Exploring The 360's Crashing and Heat
GameDailyBiz has a piece up looking into the crashing and overheating problems that have plagued the Xbox 360 since the system launched. A new crashing problem seems to be associated with the most recent update to the Xbox Live software, while german forum-goers think they may have identified the overheating issue. From the article: "The way it's installed now by MS the GPU chip makes contact with the protection foil instead of the heat transfer pad. This can of course cause cooling issues for the graphics chip as for optimal cooling performance there should just be a thin layer of thermal pad between the GPU chip and heatsink."
> Low as in they sell every single unit they get on the shelves?
Wow, 360 owners are still trying to get people to believe that BS???
That is so sad...
Of course you don't mean in Japan where they don't look like they will ever sell their initial shipment.
Europe looks to be doing quite bad with multiple people in one console forum a couple days ago offering to upload pictures of large numbers of 360s sitting unsold in stores over there when someone tried to claim the 360 was sold out over there.
And the US, 360s have been in stock in every major retailer for at least a month now. For every person trying to claim they can't find one anywhere in the US another person posts how they walked right in to such and such major retailer and picked up one of multiple 360s sitting there in stock with no bundle required.
'Sold out' does not mean I call EB every day and they have none...
The controller is genius. It feels solid and comfortable, the radio works well.
Graphics have been a letdown compared to my PC.
The software is amazingly half-baked considering they've had 4 months after the release date to fix it.
HIV Crosses Species Barrier... into Muppets
any moron thats ever built a computer at all knows that modern CPU's and GPU's need big fat heatsinks...with thermal compound in between.
It's a good thing you used 'moron' in there. Plenty of modern GPUs work just fine with rather small heatsinks. Practically no video card manufacturers use compound on their chips.
You seem to have bought into the 'performance cooling' crap that has sprung out of the overclocking craze in the late '90s. There are plenty of transfer materials that work as well or better than thermal compounds. Even though the conventional wisdom amongst hobbiests is that compound is the best, especially the expensive ones... In reality there are a variety of thermal pads that work better, but in a more permanent way. Usually they melt on first use to flow into surfaces, or they glue themselves to the chip and the heatsink.

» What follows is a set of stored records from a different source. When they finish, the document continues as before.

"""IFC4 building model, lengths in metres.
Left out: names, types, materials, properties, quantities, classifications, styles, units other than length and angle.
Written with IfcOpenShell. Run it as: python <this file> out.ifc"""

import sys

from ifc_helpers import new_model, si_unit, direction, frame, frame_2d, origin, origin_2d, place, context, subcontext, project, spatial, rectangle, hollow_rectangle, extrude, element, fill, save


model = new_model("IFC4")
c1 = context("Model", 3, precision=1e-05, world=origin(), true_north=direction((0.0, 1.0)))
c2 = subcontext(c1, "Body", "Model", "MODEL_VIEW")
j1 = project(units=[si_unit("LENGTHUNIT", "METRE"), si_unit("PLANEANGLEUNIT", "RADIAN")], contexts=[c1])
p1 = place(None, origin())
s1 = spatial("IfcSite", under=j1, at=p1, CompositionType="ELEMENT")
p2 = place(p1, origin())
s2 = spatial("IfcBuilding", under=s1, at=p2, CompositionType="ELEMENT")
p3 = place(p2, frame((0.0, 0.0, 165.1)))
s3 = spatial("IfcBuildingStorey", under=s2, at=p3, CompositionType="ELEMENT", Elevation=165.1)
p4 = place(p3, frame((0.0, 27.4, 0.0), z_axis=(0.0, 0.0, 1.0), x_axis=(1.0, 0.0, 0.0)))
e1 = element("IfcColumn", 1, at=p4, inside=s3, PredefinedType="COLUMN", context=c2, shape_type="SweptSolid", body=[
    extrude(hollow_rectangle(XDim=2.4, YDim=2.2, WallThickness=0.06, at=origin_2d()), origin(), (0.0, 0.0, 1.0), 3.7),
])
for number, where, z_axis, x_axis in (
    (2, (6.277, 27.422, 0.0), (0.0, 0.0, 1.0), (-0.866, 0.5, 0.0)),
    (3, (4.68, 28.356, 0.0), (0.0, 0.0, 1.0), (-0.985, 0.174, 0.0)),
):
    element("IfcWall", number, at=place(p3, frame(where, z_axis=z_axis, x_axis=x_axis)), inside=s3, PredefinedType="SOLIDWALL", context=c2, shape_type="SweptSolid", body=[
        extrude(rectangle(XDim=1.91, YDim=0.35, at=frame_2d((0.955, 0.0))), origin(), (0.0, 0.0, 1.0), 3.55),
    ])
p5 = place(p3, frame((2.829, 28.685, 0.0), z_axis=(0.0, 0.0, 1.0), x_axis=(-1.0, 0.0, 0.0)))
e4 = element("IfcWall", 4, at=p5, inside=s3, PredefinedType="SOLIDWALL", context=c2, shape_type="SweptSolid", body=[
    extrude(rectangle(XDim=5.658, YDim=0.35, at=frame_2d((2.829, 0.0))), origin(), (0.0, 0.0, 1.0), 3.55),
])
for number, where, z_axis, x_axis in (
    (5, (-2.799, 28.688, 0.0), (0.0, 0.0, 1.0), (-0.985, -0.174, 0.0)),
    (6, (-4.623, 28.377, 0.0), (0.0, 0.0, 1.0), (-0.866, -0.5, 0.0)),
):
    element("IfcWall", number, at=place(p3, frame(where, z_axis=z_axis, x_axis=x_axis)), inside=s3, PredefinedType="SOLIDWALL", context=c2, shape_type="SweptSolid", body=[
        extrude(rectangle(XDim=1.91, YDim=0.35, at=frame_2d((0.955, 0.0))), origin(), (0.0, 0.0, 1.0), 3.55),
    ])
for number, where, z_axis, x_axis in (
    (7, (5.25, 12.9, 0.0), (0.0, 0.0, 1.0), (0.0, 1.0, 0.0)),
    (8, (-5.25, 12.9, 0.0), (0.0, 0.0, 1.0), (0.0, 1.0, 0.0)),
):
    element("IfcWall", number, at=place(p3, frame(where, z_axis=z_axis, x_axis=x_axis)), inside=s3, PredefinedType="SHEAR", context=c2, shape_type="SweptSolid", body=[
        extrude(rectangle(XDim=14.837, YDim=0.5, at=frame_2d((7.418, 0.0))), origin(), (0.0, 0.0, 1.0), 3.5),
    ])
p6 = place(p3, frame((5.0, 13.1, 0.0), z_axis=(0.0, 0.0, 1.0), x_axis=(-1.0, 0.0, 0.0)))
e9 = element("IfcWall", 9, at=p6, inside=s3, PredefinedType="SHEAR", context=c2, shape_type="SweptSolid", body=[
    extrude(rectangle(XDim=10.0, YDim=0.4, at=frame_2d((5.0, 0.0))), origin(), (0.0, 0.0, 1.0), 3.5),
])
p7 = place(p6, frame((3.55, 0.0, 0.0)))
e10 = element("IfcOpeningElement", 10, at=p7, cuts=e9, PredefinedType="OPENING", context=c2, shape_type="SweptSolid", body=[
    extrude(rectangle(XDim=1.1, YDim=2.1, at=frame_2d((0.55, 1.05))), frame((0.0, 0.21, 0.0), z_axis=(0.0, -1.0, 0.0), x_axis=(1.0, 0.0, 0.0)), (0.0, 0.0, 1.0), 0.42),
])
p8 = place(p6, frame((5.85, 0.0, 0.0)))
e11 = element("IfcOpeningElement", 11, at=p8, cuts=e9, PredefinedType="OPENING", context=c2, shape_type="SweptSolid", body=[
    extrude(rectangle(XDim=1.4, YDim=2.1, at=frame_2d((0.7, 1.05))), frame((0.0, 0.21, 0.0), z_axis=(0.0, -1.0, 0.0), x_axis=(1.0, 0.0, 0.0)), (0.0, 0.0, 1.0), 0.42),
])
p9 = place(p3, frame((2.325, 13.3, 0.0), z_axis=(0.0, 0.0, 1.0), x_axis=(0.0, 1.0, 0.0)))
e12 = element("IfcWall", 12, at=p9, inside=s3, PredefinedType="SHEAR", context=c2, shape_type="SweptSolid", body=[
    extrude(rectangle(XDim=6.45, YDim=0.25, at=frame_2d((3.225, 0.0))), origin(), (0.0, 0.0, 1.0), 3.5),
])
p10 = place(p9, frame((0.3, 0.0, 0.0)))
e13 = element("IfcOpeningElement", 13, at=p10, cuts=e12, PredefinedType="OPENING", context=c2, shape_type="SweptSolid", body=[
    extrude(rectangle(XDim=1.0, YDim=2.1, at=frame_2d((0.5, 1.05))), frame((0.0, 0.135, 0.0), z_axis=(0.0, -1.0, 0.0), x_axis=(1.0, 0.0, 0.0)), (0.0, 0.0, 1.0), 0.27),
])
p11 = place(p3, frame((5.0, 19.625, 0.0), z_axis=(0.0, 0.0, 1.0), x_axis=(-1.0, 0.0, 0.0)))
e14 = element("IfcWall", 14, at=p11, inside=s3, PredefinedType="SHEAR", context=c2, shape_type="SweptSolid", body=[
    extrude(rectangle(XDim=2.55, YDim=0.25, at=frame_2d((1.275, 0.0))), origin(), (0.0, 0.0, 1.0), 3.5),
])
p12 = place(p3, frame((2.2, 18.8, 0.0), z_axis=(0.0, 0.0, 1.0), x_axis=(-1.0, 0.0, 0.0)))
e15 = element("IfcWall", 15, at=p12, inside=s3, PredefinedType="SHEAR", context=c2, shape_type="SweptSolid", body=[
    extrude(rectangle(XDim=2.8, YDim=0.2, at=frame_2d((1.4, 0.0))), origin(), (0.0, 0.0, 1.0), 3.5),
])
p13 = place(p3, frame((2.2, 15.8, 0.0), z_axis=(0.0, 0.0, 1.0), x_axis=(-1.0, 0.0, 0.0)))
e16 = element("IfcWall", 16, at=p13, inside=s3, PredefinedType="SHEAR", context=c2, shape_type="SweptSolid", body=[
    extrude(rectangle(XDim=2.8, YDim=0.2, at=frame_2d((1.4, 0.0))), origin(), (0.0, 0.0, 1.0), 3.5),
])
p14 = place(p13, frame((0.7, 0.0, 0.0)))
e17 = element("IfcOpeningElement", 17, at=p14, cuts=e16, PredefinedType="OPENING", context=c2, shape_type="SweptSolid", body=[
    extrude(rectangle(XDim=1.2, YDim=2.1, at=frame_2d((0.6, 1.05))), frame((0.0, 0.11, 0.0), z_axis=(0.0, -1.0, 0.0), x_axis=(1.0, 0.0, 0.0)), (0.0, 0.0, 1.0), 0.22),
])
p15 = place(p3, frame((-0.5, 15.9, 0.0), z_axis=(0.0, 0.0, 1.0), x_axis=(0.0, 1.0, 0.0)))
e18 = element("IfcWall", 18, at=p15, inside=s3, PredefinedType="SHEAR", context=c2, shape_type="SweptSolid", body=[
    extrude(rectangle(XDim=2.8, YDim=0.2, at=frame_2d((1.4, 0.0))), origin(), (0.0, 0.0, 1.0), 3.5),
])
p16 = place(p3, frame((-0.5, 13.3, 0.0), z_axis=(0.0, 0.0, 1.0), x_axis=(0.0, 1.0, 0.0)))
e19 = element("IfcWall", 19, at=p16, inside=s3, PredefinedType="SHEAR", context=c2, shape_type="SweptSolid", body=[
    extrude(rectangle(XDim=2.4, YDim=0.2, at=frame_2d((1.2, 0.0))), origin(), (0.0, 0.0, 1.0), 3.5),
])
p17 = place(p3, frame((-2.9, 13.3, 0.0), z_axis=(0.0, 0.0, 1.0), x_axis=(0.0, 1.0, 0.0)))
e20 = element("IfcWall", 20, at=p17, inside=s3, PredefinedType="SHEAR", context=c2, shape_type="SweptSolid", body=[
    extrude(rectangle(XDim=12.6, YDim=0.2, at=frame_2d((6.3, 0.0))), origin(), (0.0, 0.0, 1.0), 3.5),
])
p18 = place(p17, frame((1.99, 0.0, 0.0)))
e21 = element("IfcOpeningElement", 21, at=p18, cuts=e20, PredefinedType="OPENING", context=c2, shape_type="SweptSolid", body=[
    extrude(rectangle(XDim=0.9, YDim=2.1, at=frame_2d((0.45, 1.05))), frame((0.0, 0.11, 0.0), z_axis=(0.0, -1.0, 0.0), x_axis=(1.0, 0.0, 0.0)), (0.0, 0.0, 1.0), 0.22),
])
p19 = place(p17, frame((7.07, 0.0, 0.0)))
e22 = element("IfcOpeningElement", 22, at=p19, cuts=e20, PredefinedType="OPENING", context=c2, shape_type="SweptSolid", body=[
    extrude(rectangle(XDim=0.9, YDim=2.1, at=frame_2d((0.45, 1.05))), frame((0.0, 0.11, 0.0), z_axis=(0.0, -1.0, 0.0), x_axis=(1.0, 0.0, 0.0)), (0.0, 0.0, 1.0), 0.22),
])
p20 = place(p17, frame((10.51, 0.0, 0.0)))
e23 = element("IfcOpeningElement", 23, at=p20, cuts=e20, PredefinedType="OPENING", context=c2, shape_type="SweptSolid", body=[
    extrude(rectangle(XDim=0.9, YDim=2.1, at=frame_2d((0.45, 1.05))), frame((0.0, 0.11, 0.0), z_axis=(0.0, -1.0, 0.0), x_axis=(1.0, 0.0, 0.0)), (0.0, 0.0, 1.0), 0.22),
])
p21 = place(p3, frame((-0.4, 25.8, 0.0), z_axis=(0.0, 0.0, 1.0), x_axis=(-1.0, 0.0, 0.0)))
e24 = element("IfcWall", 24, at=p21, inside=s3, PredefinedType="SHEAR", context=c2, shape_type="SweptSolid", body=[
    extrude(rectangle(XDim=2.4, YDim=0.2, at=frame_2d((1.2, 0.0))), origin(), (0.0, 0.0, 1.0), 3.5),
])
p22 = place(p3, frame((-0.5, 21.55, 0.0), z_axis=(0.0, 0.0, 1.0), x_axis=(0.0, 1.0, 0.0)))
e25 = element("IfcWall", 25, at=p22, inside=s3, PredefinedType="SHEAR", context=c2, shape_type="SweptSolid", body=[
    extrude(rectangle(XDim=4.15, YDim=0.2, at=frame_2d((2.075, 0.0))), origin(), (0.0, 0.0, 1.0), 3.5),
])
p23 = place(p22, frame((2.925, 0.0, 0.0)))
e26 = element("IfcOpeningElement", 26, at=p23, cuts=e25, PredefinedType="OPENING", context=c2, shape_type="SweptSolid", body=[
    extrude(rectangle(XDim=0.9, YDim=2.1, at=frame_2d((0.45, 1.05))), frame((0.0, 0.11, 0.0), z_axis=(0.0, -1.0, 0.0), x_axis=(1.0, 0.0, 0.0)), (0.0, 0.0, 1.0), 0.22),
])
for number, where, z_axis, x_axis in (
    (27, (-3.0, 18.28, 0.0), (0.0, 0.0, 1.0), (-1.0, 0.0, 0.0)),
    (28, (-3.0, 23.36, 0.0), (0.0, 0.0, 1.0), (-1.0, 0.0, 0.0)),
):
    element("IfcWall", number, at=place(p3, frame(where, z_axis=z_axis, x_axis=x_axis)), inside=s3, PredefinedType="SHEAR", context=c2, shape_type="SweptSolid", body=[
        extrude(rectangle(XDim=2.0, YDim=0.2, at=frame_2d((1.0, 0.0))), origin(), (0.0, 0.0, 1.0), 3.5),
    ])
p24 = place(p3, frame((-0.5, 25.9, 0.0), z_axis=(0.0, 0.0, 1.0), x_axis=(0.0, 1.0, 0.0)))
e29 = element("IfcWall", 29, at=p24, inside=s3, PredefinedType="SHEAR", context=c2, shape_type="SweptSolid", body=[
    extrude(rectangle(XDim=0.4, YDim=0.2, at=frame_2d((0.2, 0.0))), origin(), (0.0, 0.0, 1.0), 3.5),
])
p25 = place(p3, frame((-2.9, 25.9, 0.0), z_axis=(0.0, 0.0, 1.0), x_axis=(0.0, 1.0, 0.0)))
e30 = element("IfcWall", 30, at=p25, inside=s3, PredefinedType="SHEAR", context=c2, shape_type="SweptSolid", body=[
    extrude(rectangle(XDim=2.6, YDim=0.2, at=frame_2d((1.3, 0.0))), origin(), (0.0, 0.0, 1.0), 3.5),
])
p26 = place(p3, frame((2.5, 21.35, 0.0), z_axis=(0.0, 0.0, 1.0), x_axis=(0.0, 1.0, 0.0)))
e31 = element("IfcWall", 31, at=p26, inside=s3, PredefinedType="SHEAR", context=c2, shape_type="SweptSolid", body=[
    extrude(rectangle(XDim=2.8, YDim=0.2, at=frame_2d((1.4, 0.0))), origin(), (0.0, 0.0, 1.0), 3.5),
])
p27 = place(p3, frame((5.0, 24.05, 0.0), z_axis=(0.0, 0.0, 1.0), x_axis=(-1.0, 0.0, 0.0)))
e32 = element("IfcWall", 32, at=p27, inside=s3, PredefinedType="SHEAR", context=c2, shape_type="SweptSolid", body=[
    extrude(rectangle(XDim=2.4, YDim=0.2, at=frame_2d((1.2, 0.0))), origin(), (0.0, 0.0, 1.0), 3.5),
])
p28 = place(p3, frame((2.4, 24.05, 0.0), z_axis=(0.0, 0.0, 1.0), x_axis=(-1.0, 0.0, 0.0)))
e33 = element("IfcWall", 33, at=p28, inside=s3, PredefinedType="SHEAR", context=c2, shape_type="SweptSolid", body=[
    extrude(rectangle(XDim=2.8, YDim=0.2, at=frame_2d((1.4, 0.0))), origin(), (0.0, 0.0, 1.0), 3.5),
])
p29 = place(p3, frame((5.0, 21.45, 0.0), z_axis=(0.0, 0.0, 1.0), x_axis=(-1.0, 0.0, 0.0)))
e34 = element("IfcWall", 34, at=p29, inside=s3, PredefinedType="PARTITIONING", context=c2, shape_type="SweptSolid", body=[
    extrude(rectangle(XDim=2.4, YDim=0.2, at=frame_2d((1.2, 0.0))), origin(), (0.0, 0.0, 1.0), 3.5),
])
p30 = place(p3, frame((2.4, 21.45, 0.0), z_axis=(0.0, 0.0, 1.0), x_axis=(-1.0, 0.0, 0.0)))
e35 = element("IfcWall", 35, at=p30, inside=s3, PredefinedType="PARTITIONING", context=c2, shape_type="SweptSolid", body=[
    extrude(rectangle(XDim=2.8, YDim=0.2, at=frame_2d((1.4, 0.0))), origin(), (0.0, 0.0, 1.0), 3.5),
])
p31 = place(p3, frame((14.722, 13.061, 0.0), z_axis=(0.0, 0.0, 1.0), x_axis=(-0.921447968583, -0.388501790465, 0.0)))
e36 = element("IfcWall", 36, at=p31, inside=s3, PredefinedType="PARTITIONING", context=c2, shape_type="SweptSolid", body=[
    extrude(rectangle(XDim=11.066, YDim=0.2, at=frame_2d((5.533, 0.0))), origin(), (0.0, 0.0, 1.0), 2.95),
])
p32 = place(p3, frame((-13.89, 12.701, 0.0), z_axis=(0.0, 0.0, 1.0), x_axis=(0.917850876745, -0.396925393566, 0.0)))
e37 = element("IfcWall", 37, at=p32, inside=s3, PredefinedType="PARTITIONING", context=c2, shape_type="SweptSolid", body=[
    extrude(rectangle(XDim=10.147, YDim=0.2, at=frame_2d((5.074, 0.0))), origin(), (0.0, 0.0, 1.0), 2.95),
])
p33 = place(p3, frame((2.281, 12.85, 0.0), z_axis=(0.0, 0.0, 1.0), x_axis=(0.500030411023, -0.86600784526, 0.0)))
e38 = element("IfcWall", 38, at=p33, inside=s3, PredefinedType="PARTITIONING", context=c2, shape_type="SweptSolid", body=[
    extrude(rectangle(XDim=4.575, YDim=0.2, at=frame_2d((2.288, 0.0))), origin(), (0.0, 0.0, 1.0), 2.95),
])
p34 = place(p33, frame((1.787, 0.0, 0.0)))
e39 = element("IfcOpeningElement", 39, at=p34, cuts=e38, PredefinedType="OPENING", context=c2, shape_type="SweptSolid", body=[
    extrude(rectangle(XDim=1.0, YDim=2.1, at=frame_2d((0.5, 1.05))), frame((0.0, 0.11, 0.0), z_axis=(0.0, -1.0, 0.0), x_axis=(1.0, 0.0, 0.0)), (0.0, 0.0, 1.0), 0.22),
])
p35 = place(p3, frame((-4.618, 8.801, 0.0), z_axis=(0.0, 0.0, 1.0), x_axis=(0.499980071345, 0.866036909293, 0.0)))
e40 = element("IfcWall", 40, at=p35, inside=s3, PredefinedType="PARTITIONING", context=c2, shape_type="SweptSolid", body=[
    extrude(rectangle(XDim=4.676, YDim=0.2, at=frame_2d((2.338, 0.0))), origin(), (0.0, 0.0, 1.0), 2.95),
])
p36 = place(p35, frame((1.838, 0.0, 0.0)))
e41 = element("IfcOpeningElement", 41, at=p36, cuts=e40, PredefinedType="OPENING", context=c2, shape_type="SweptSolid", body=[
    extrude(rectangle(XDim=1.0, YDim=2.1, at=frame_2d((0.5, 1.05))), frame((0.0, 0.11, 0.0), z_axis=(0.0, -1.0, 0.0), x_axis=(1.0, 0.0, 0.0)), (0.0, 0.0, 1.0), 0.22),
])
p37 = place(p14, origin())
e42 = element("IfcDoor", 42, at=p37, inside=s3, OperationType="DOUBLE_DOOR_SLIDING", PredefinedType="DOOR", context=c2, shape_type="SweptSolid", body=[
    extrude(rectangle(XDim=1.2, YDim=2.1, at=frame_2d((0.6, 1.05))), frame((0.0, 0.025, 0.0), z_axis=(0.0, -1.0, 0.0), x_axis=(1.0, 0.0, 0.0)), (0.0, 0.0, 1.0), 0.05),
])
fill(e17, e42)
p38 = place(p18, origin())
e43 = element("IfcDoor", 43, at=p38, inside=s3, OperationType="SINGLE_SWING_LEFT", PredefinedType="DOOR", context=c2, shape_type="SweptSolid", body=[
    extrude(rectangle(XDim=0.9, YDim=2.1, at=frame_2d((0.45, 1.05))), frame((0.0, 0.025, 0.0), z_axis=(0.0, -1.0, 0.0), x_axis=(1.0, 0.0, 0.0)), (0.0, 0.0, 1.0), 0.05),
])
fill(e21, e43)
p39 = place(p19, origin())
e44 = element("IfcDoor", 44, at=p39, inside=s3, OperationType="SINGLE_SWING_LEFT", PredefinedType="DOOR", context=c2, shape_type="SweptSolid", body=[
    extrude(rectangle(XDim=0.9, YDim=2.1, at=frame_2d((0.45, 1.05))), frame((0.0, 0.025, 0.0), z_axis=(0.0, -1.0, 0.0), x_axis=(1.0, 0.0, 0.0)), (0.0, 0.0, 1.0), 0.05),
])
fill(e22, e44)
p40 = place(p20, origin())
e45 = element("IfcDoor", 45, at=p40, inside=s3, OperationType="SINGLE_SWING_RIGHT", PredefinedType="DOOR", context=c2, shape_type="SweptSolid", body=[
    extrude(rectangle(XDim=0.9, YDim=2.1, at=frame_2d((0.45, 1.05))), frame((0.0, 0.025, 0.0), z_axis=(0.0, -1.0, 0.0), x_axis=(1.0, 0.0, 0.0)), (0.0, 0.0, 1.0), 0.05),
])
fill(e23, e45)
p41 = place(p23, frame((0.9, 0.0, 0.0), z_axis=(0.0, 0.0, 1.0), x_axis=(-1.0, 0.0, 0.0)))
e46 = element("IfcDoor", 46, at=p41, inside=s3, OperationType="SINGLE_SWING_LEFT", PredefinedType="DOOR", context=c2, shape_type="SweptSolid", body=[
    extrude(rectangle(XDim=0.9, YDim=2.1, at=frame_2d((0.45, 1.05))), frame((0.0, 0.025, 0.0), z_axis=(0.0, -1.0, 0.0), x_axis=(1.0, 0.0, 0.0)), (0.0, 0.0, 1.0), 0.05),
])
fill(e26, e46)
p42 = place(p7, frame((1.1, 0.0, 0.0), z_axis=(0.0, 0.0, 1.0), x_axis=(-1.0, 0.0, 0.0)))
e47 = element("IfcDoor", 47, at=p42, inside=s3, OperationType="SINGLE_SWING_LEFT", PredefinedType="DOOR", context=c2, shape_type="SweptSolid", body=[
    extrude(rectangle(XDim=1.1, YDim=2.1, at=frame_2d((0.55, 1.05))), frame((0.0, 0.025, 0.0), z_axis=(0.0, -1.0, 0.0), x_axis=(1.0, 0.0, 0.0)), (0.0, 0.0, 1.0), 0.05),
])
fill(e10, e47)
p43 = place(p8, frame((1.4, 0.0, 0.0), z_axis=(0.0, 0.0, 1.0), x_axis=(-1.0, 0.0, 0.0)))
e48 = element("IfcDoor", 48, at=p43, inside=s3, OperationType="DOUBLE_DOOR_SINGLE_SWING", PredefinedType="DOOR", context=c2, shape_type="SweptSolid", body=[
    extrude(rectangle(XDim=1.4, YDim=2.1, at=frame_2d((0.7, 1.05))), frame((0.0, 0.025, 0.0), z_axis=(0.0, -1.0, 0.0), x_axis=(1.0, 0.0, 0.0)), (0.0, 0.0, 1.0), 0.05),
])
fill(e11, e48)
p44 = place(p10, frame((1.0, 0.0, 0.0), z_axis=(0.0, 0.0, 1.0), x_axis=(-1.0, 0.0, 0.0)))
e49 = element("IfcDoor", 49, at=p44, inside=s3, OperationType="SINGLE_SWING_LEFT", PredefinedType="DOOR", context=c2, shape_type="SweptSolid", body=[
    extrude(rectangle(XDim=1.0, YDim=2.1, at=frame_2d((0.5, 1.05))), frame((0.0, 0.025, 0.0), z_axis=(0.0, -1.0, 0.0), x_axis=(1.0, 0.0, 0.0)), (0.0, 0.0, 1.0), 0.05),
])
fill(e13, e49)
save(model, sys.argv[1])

The foil probably works fine until after the first time you remove it.
I agree that all of the next gen consoles are computers and really need to be treated as such. But the problem is that they are being marketed as game consoles, and every game console back to dawn of time (or the late 1970s) has been a peice of AV hardware. Companies go out of their way to market them as such, to avoid losing potential consumers who have no interest in computers, or even find them scary. That the next gen consoles really are computers doesn't change the way consumers percive them. This can be interperated in two ways, consumers are dumb, or somebody doesn't understand their target market. Imagine the following scenario...
Customer: This Microsoft car 360 keeps crashing.
Support: How are you using it?
Customer: Well, I was just driving down the road...
Support: AHA! That's the problem. Car 360 is a perfomance machine, you sould only opperate it on closed racetracks.
You're getting warmer, but you still aren't quite on the money yet. A video game console isn't a piece of AV equipment; it's a toy. As such, it should be able to deal with running on top of a pile of clothes in a kid's room, on the floor, on a stack of pizza boxes, stacked on top of other gaming hardware, pretty much anywhere. It also needs to be able to withstand being kicked, having the wires pull out suddenly, being gnawed on by pets, etc. No matter how much shiny plastic we may cover it in, we cannot hide the fact that play is messy.
Dare I go so far as to point out that Nintendo is the only major player in the console market that has experience making toys?